SERMON: The science of life
The beginning of any teaching of biology starts with defining what this subject, the science of life, is about. One of the five defining features of all life is movement, or migration, in some form or another. That movement, that response to a stimulus, is intended to bring about some: food, warmth, a new habitat or home, a partner, escape from danger, and so on. Without movement death inevitably follows at some point. Movement and migration are also at the heart of today’s gospel reading, where we hear of the infant Jesus being taken first to Egypt and then to Nazareth, to avoid danger, and death. The parallels between this story and today’s continuing news of forced migration of millions of people today are obvious.
During the last year many of us have found both the pace of movement or change in the world and its direction have been disturbing. A quite critical change is going on: we didn’t expect a vote to leave the EU, or strong so-called populist support for the hard right in Europe, or the election of a capricious and politically naïve president of the world’s most powerful country, a person who speaks to the world by Twitter. Unpredictability is about, and we are unsure about why we are in what is uncharted territory.

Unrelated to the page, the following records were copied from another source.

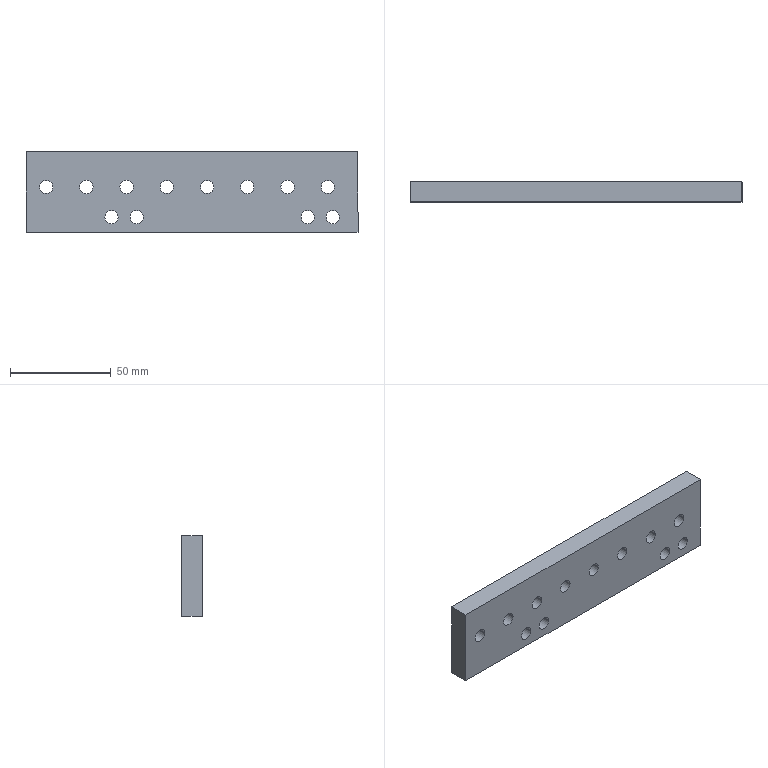Component | SolidWorks | CTM-HVS-42-02-31-4 | 1 solid | 30 faces | box 165 x 10 x 40 mm | volume 61895 mm3 | cylinder 24 | plane 6 | commonest cylinder face diameters 6.6 x24 | material Bakelite
build123d program:
from build123d import *

# Parameters (mm, degrees)
SKETCH1_W          = 185
SKETCH1_H          = 40
EXTRUDE1_DEPTH     = 10
CUT_EXTRUDE1_REACH = 152.748
SKETCH2_R          = 3.3
LPATTERN1_COUNT    = 9
LPATTERN1_PITCH    = 20
SKETCH6_W          = 20
SKETCH6_H          = 40
CUT_EXTRUDE3_DEPTH = 10


with BuildPart() as part:
    # Sketch1 → Extrude1 (new body)
    with BuildSketch(Plane.XY):
        with Locations((52.5, -20)):
            Rectangle(SKETCH1_W, SKETCH1_H)
    extrude(amount=EXTRUDE1_DEPTH)

    # Sketch2 → Cut-Extrude1 (cut, up to next)
    with BuildSketch(Plane.XY.offset(10), mode=Mode.PRIVATE) as cut_extrude1_sk1:
        with Locations((-15, -7.5)):
            Circle(SKETCH2_R)
    cut_extrude1_tool1 = extrude(cut_extrude1_sk1.sketch, amount=-CUT_EXTRUDE1_REACH, mode=Mode.PRIVATE) & part.part
    # Sketch2 → Cut-Extrude1 (cut, up to next)
    with BuildSketch(Plane.XY.offset(10), mode=Mode.PRIVATE) as cut_extrude1_sk2:
        with Locations((70, -7.5)):
            Circle(SKETCH2_R)
    cut_extrude1_tool2 = extrude(cut_extrude1_sk2.sketch, amount=-CUT_EXTRUDE1_REACH, mode=Mode.PRIVATE) & part.part
    # Sketch2 → Cut-Extrude1 (cut, up to next)
    with BuildSketch(Plane.XY.offset(10), mode=Mode.PRIVATE) as cut_extrude1_sk3:
        with Locations((-27.5, -7.5)):
            Circle(SKETCH2_R)
    cut_extrude1_tool3 = extrude(cut_extrude1_sk3.sketch, amount=-CUT_EXTRUDE1_REACH, mode=Mode.PRIVATE) & part.part
    # Sketch2 → Cut-Extrude1 (cut, up to next)
    with BuildSketch(Plane.XY.offset(10), mode=Mode.PRIVATE) as cut_extrude1_sk4:
        with Locations((82.5, -7.5)):
            Circle(SKETCH2_R)
    cut_extrude1_tool4 = extrude(cut_extrude1_sk4.sketch, amount=-CUT_EXTRUDE1_REACH, mode=Mode.PRIVATE) & part.part
    add(cut_extrude1_tool1.solids().sort_by_distance((-15, -7.5, 10))[0], mode=Mode.SUBTRACT)
    add(cut_extrude1_tool2.solids().sort_by_distance((70, -7.5, 10))[0], mode=Mode.SUBTRACT)
    add(cut_extrude1_tool3.solids().sort_by_distance((-27.5, -7.5, 10))[0], mode=Mode.SUBTRACT)
    add(cut_extrude1_tool4.solids().sort_by_distance((82.5, -7.5, 10))[0], mode=Mode.SUBTRACT)

    # Sketch4 → M6 Clearance Hole1 (revolve, cut)
    with BuildSketch(Plane(origin=(-25, -22.5, 10), x_dir=(0, -1, 0), z_dir=(1, 0, 0))):
        Polygon((0, 0), (0, 31.983), (3.3, 30), (3.3, 0), align=None)
    m6_clearance_hole1 = revolve(axis=Axis((-25, -22.5, 16.35), (0, 0, -1)), mode=Mode.SUBTRACT)

    # LPattern1: M6 Clearance Hole1 ×9
    with Locations(*[(i * LPATTERN1_PITCH, 0, 0) for i in range(1, LPATTERN1_COUNT)]):
        add(m6_clearance_hole1, mode=Mode.SUBTRACT)

    # Sketch6 → Cut-Extrude3 (cut)
    with BuildSketch(Plane.XY.offset(10)):
        with Locations((135, -20)):
            Rectangle(SKETCH6_W, SKETCH6_H)
    extrude(amount=-CUT_EXTRUDE3_DEPTH, mode=Mode.SUBTRACT)


solid = part.part

# Placed as in the assembly
solid = solid.moved(Location((275.193, -64.557, -7.5), (90, 0, -180)))
STEP:
#1=COLOUR_RGB('',0.7922,0.8196,0.9333);
#2=FILL_AREA_STYLE_COLOUR('',#1);
#3=FILL_AREA_STYLE('',(#2));
#4=SURFACE_STYLE_FILL_AREA(#3);
#5=SURFACE_SIDE_STYLE('',(#4));
#6=SURFACE_STYLE_USAGE(.BOTH.,#5);
#7=PRESENTATION_STYLE_ASSIGNMENT((#6));
#8=CARTESIAN_POINT('',(6.177,-2.542,0.5906));
#9=VERTEX_POINT('',#8);
#10=CARTESIAN_POINT('',(6.437,-2.542,0.5906));
#11=VERTEX_POINT('',#10);
#12=CARTESIAN_POINT('',(6.307,-2.542,0.5906));
#13=DIRECTION('',(-0.,1.,-0.));
#14=DIRECTION('',(1.,0.,0.));
#15=AXIS2_PLACEMENT_3D('',#12,#13,#14);
#16=CIRCLE('',#15,0.1299);
#17=EDGE_CURVE('',#9,#11,#16,.T.);
#18=ORIENTED_EDGE('',*,*,#17,.T.);
#19=CARTESIAN_POINT('',(6.437,-2.935,0.5906));
#20=VERTEX_POINT('',#19);
#21=CARTESIAN_POINT('',(6.437,-2.935,0.5906));
#22=DIRECTION('',(0.,-1.,0.));
#23=VECTOR('',#22,39.37);
#24=LINE('',#21,#23);
#25=EDGE_CURVE('',#11,#20,#24,.T.);
#26=ORIENTED_EDGE('',*,*,#25,.T.);
#27=CARTESIAN_POINT('',(6.177,-2.935,0.5906));
#28=VERTEX_POINT('',#27);
#29=CARTESIAN_POINT('',(6.307,-2.935,0.5906));
#30=DIRECTION('',(0.,-1.,0.));
#31=DIRECTION('',(-1.,0.,-0.));
#32=AXIS2_PLACEMENT_3D('',#29,#30,#31);
#33=CIRCLE('',#32,0.1299);
#34=EDGE_CURVE('',#20,#28,#33,.T.);
#35=ORIENTED_EDGE('',*,*,#34,.T.);
#36=CARTESIAN_POINT('',(6.177,-2.935,0.5906));
#37=DIRECTION('',(0.,-1.,0.));
#38=VECTOR('',#37,39.37);
#39=LINE('',#36,#38);
#40=EDGE_CURVE('',#9,#28,#39,.T.);
#41=ORIENTED_EDGE('',*,*,#40,.F.);
#42=EDGE_LOOP('',(#18,#26,#35,#41));
#43=FACE_OUTER_BOUND('',#42,.T.);
#44=CARTESIAN_POINT('',(6.307,-2.935,0.5906));
#45=DIRECTION('',(0.,-1.,0.));
#46=DIRECTION('',(-1.,0.,-0.));
#47=AXIS2_PLACEMENT_3D('',#44,#45,#46);
#48=CYLINDRICAL_SURFACE('',#47,0.1299);
#49=ADVANCED_FACE('',(#43),#48,.F.);
#50=CARTESIAN_POINT('',(6.964,-2.542,0.5906));
#51=VERTEX_POINT('',#50);
#52=CARTESIAN_POINT('',(7.224,-2.542,0.5906));
#53=VERTEX_POINT('',#52);
#54=CARTESIAN_POINT('',(7.094,-2.542,0.5906));
#55=DIRECTION('',(-0.,1.,-0.));
#56=DIRECTION('',(1.,0.,0.));
#57=AXIS2_PLACEMENT_3D('',#54,#55,#56);
#58=CIRCLE('',#57,0.1299);
#59=EDGE_CURVE('',#51,#53,#58,.T.);
#60=ORIENTED_EDGE('',*,*,#59,.T.);
#61=CARTESIAN_POINT('',(7.224,-2.935,0.5906));
#62=VERTEX_POINT('',#61);
#63=CARTESIAN_POINT('',(7.224,-2.935,0.5906));
#64=DIRECTION('',(0.,-1.,0.));
#65=VECTOR('',#64,39.37);
#66=LINE('',#63,#65);
#67=EDGE_CURVE('',#53,#62,#66,.T.);
#68=ORIENTED_EDGE('',*,*,#67,.T.);
#69=CARTESIAN_POINT('',(6.964,-2.935,0.5906));
#70=VERTEX_POINT('',#69);
#71=CARTESIAN_POINT('',(7.094,-2.935,0.5906));
#72=DIRECTION('',(0.,-1.,0.));
#73=DIRECTION('',(-1.,0.,-0.));
#74=AXIS2_PLACEMENT_3D('',#71,#72,#73);
#75=CIRCLE('',#74,0.1299);
#76=EDGE_CURVE('',#62,#70,#75,.T.);
#77=ORIENTED_EDGE('',*,*,#76,.T.);
#78=CARTESIAN_POINT('',(6.964,-2.935,0.5906));
#79=DIRECTION('',(0.,-1.,0.));
#80=VECTOR('',#79,39.37);
#81=LINE('',#78,#80);
#82=EDGE_CURVE('',#51,#70,#81,.T.);
#83=ORIENTED_EDGE('',*,*,#82,.F.);
#84=EDGE_LOOP('',(#60,#68,#77,#83));
#85=FACE_OUTER_BOUND('',#84,.T.);
#86=CARTESIAN_POINT('',(7.094,-2.935,0.5906));
#87=DIRECTION('',(0.,-1.,0.));
#88=DIRECTION('',(-1.,0.,-0.));
#89=AXIS2_PLACEMENT_3D('',#86,#87,#88);
#90=CYLINDRICAL_SURFACE('',#89,0.1299);
#91=ADVANCED_FACE('',(#85),#90,.F.);
#92=CARTESIAN_POINT('',(7.752,-2.542,0.5906));
#93=VERTEX_POINT('',#92);
#94=CARTESIAN_POINT('',(8.012,-2.542,0.5906));
#95=VERTEX_POINT('',#94);
#96=CARTESIAN_POINT('',(7.882,-2.542,0.5906));
#97=DIRECTION('',(-0.,1.,-0.));
#98=DIRECTION('',(1.,0.,0.));
#99=AXIS2_PLACEMENT_3D('',#96,#97,#98);
#100=CIRCLE('',#99,0.1299);
#101=EDGE_CURVE('',#93,#95,#100,.T.);
#102=ORIENTED_EDGE('',*,*,#101,.T.);
#103=CARTESIAN_POINT('',(8.012,-2.935,0.5906));
#104=VERTEX_POINT('',#103);
#105=CARTESIAN_POINT('',(8.012,-2.935,0.5906));
#106=DIRECTION('',(0.,-1.,0.));
#107=VECTOR('',#106,39.37);
#108=LINE('',#105,#107);
#109=EDGE_CURVE('',#95,#104,#108,.T.);
#110=ORIENTED_EDGE('',*,*,#109,.T.);
#111=CARTESIAN_POINT('',(7.752,-2.935,0.5906));
#112=VERTEX_POINT('',#111);
#113=CARTESIAN_POINT('',(7.882,-2.935,0.5906));
#114=DIRECTION('',(0.,-1.,0.));
#115=DIRECTION('',(-1.,0.,-0.));
#116=AXIS2_PLACEMENT_3D('',#113,#114,#115);
#117=CIRCLE('',#116,0.1299);
#118=EDGE_CURVE('',#104,#112,#117,.T.);
#119=ORIENTED_EDGE('',*,*,#118,.T.);
#120=CARTESIAN_POINT('',(7.752,-2.935,0.5906));
#121=DIRECTION('',(0.,-1.,0.));
#122=VECTOR('',#121,39.37);
#123=LINE('',#120,#122);
#124=EDGE_CURVE('',#93,#112,#123,.T.);
#125=ORIENTED_EDGE('',*,*,#124,.F.);
#126=EDGE_LOOP('',(#102,#110,#119,#125));
#127=FACE_OUTER_BOUND('',#126,.T.);
#128=CARTESIAN_POINT('',(7.882,-2.935,0.5906));
#129=DIRECTION('',(0.,-1.,0.));
#130=DIRECTION('',(-1.,0.,-0.));
#131=AXIS2_PLACEMENT_3D('',#128,#129,#130);
#132=CYLINDRICAL_SURFACE('',#131,0.1299);
#133=ADVANCED_FACE('',(#127),#132,.F.);
#134=CARTESIAN_POINT('',(8.539,-2.542,0.5906));
#135=VERTEX_POINT('',#134);
#136=CARTESIAN_POINT('',(8.799,-2.542,0.5906));
#137=VERTEX_POINT('',#136);
#138=CARTESIAN_POINT('',(8.669,-2.542,0.5906));
#139=DIRECTION('',(-0.,1.,-0.));
#140=DIRECTION('',(1.,0.,0.));
#141=AXIS2_PLACEMENT_3D('',#138,#139,#140);
#142=CIRCLE('',#141,0.1299);
#143=EDGE_CURVE('',#135,#137,#142,.T.);
#144=ORIENTED_EDGE('',*,*,#143,.T.);
#145=CARTESIAN_POINT('',(8.799,-2.935,0.5906));
#146=VERTEX_POINT('',#145);
#147=CARTESIAN_POINT('',(8.799,-2.935,0.5906));
#148=DIRECTION('',(0.,-1.,0.));
#149=VECTOR('',#148,39.37);
#150=LINE('',#147,#149);
#151=EDGE_CURVE('',#137,#146,#150,.T.);
#152=ORIENTED_EDGE('',*,*,#151,.T.);
#153=CARTESIAN_POINT('',(8.539,-2.935,0.5906));
#154=VERTEX_POINT('',#153);
#155=CARTESIAN_POINT('',(8.669,-2.935,0.5906));
#156=DIRECTION('',(0.,-1.,0.));
#157=DIRECTION('',(-1.,0.,-0.));
#158=AXIS2_PLACEMENT_3D('',#155,#156,#157);
#159=CIRCLE('',#158,0.1299);
#160=EDGE_CURVE('',#146,#154,#159,.T.);
#161=ORIENTED_EDGE('',*,*,#160,.T.);
#162=CARTESIAN_POINT('',(8.539,-2.935,0.5906));
#163=DIRECTION('',(0.,-1.,0.));
#164=VECTOR('',#163,39.37);
#165=LINE('',#162,#164);
#166=EDGE_CURVE('',#135,#154,#165,.T.);
#167=ORIENTED_EDGE('',*,*,#166,.F.);
#168=EDGE_LOOP('',(#144,#152,#161,#167));
#169=FACE_OUTER_BOUND('',#168,.T.);
#170=CARTESIAN_POINT('',(8.669,-2.935,0.5906));
#171=DIRECTION('',(0.,-1.,0.));
#172=DIRECTION('',(-1.,0.,-0.));
#173=AXIS2_PLACEMENT_3D('',#170,#171,#172);
#174=CYLINDRICAL_SURFACE('',#173,0.1299);
#175=ADVANCED_FACE('',(#169),#174,.F.);
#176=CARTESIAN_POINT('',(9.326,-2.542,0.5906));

A recent commentator remarked that this upheaval is happening during the biggest migration in human history – the movement of the majority of the world’s population onto the internet. It is now estimated that 3.2 billion people have entered personal, sensitive, and sometimes highly confidential information on the internet in relation to banking, shopping, business, news and information, searches for partners, photographs, social life and their sense of themselves with the world around them. So, we ask, what kind of place have many of us here migrated to? Is it a real world or a virtual world? It seems to be a world where abundant abuse or cybercrime are not quite real. We cannot be completely confident about the reliability or privacy of what we see or do on the internet. There seems to be a very limited ethical background to what is going on. And a linked and fundamental problem is that there is no forward planning for a stable, safe and reliable community based on the internet. Those who thrive here are the loudest, the most fearless and those with nothing to lose. That is what the internet has brought to our political, social and ethical life. Twenty or more years ago the idealists for the internet predicted that this revolution would bring about inclusive, progressive, creative, and honest global communication for all. Some of this has certainly come about, but the people of real power, and huge wealth, in this unstable, very fast moving and largely amoral world, tend to be from a narrow group of people: young, white and male.
That is a view of the disturbed world to which we are all migrating. Just days after singing songs of heavenly bliss our readings today are about a similarly disturbed world into which the Son of God was born. The parallels between the Biblical stories of migration and today’s experiences for millions of people are uncanny. We cannot isolate our Christmas joy from the realities of today’s world.
In today’s readings Matthew is really the storyteller while the passage from Hebrews offers us a theological perspective: God brought the pioneer of our salvation into a world of suffering from his birth. The Son through whom God speaks to us was in great danger as a toddler and Joseph was quick to see this and to take his family as refugees.
Joseph and Mary probably settled with the Jewish community in Egypt. Today’s Coptic Christians in Egypt are proud that their country offered sanctuary to the Son of God. They are glad that a place of slavery became a place of sanctuary. For all the joy we have shown in our carols, the incarnation happened in a place of fear for survival, and Joseph and Mary almost certainly continued to live in fear after their return to Israel. But Mary and Joseph will have been familiar with today’s words of Isaiah: it was no messenger or angel but God’s presence that saved them; in his love and in his pity he redeemed them; he lifted them up and carried them all the days of old.
The author of the Letter to The Hebrews reminds us that although Mary and Joseph lived in fear of death and were being severely tested during their migration, they would also have sensed the assurance of God’s grace, mercy and the profoundest love. However fragile their situation must have been, they were strengthened by their faith in God’s love, just as their forbears, the descendants of Abraham, were as they too were forced to migrate.
Put another way, today’s readings begin the move from Bethlehem into the larger world of human weakness. Already our song is moving from the theme of “the king has come” to the theme of “the king has come to die and then to rise again”.
As we begin to move prayerfully through another uncertain year, today’s deeply theological collect reminds us of God’s wonderful gift to us, and it gives us a wonderfully reassuring view of our future:
Almighty God, who wonderfully created us in your own image, and yet more wonderfully restored us through your Son Jesus Christ: grant that, as he came to share in our humanity, so we may share the life of his divinity; who is alive and reigns with you in the unity of the Holy Spirit, one God, now and for ever.
May we, wonderfully created and restored by God, be moved and transformed in this new year, whatever it may bring, by sharing more fully in the divinity of Jesus Christ our Lord. Amen.